Cuando abandonó la ceremonia, sus pasos la llevaron al malecón. El mar descansaba su resaca mientras que la lluvia seguía cayendo en gotas muy finas. A lo lejos un horizonte vacío y ondulado. Con las manos aferradas al chal que la protegía del viento, entrecerró los ojos y pronunció su nombre. P-a-u-l-i-n-o. Una y otra vez. Sus palabras eran arrastradas con fuerza por las olas en su viaje sin retorno.
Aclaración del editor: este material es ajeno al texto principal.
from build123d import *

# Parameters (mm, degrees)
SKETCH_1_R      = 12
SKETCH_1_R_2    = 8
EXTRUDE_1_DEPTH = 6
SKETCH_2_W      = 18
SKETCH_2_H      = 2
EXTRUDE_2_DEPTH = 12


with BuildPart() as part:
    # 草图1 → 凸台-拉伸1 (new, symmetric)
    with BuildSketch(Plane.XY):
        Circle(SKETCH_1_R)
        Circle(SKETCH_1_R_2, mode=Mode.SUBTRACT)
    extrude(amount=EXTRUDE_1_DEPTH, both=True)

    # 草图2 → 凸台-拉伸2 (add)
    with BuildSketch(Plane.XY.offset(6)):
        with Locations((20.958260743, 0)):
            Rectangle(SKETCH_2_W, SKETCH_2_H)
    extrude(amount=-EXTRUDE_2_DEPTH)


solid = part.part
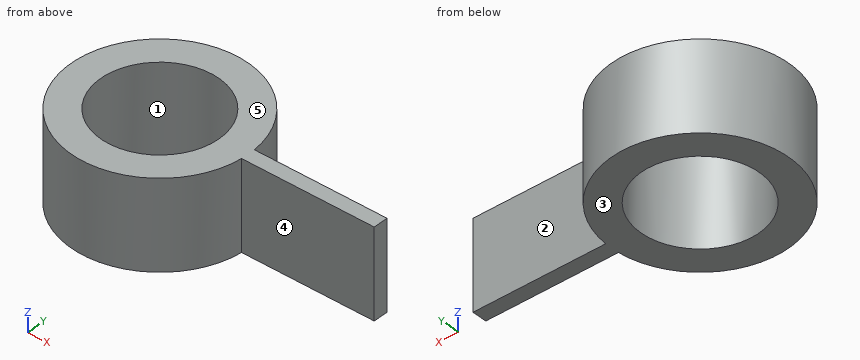
Part model, mm, in its own coordinate system. Face numbers are marked on the shaded views. A direction names the side the tool comes from. Give positions to 0.01 mm unless a question says otherwise; leave off trailing zeros. Order: outer loops, then holes, each group sorted by start corner. A loop starts at its lowest first (then second) coordinate and runs counter-clockwise, first axis right, second up. Notation, with made-up numbers: (-6.5, 45) - (6.5, 45) arc R15 cw to (6.5, 51) - close; hole circle Ø5 at (-23, -6). An arc over 180 degrees is marked (long way). Use a Markdown table: item, result.
1) 3-axis set-ups, long thin cutter, end or side, ignore diameter. For the marked faces 4 and 5: which of +Z, -Z, +X, -X, +Y, -Y reach the whole face in a straight line?
Checked values:
| item | result |
|---|---|
| face 4 | +Z, -Z, +X, -Y |
| face 5 | +Z, +X, -X, +Y, -Y |
2) Two-plate mould, pull along Y, no slides. Class the marked faces 1, 2 and 3: +Y half, -Y half, draft (parallel to the pull), parting line (faces both ways), or undercut.
Checked values:
| item | result |
|---|---|
| face 1 | undercut |
| face 2 | +Y half |
| face 3 | draft |
3) Flat gauge pins, fed straight in: P1, Ø6, axis at x = 21.5, z = 2.5, coming from the +Y side; P2, Ø3, axis at x = 12.5, z = -3.5, coming from the +Y side; P3, Ø3.5, axis at x = 19, z = 0, coming from the -Y side. Where does each tip first touch, or does it go through?
Checked values:
| item | result |
|---|---|
| P1 | y = 1 |
| P2 | y = 4.8 |
| P3 | y = -1 |
4) Saw through at A-A on y = 0. List the corners of the cut face in (x, z).
Checked values:
| item | result |
|---|---|
| outline | (-12, -6) - (-8, -6) - (-8, 6) - (-12, 6) - close; (8, -6) - (29.96, -6) - (29.96, 6) - (8, 6) - close |
5) Saw through at B-B on x = 0. List the corners of the cut face in (y, z).
Checked values:
| item | result |
|---|---|
| outline | (-12, -6) - (-8, -6) - (-8, 6) - (-12, 6) - close; (8, -6) - (12, -6) - (12, 6) - (8, 6) - close |
6) Probe L1, parallel to Y at x = 0, z = 2.25; L2, parallel to Y at x = 13, z = 4.5; L3, parallel to X at y = 4.25, z = -2.75. List the from-to ranges inside material, lowest first. Write a range as from..to.
Checked values:
| item | result |
|---|---|
| L1 | -12..-8, 8..12 |
| L2 | -1..1 |
| L3 | -11.22..-6.78, 6.78..11.22 |
7) Saw through at C-C on z = 1. List the corners of the cut face in (x, y).
Checked values:
| item | result |
|---|---|
| outline | (11.96, -1) - (29.96, -1) - (29.96, 1) - (11.96, 1) arc R12 ccw (long way) to start; hole circle Ø16 at (0, 0) |
8) Saw through at D-D on x = 14. List the corners of the cut face in (y, z), plus the area to 3 significant figures.
Checked values:
| item | result |
|---|---|
| outline | (-1, -6) - (1, -6) - (1, 6) - (-1, 6) - close |
| area | 24.0 mm² |

En vano intentaron los vecinos convencerla de que él ya no volvería. Hasta que al cabo de unos días desistieron de su empeño en la creencia de que había perdido la razón. “Pobrecilla”, decían las comadres al verla pasar rumbo al rompeolas.“Tienes que resignarte”, le aconsejaban las mujeres mayores, “como hacemos todas”
“El mar me lo devolverá”, insistía ella cada vez con más firmeza.
Y Paulino volvió. Una madrugada, apenas insinuada la raya del alba. Dicen los pocos habitantes de Villariño que lo vieron llegar, que el chico parecía un fantasma. Vestido de harapos, caminaba arrastrando con dificultad su cuerpo delgado bajo un rostro pálido y ojeroso. Dicen también que cuando Eulalia lo vio no se sorprendió. Que fue como si aquel día lo hubiera estado esperando. Y que el abrazo duró hasta el amanecer del día siguiente.
Nadie en Villariño creyó la versión del joven: Golpe en la cabeza, corriente que lo arrastra hacia una orilla desconocida, pérdida temporal de la memoria…
Unos dicen que fue Eulalia y, aunque ya no le temen, están convencidos de que en sus idas al rompeolas selló un pacto con el mar. Otros, los más románticos, prefieren creer en la fuerza del amor. Lo cierto es que ellos siguen paseando juntos, abrazados con codicia. Llegan hasta el final del malecón y desde allí contemplan los atardeceres hasta que el sol hace morir el día. Mientras tanto en Villariño, el tiempo continúa marcando el transcurrir de la nada.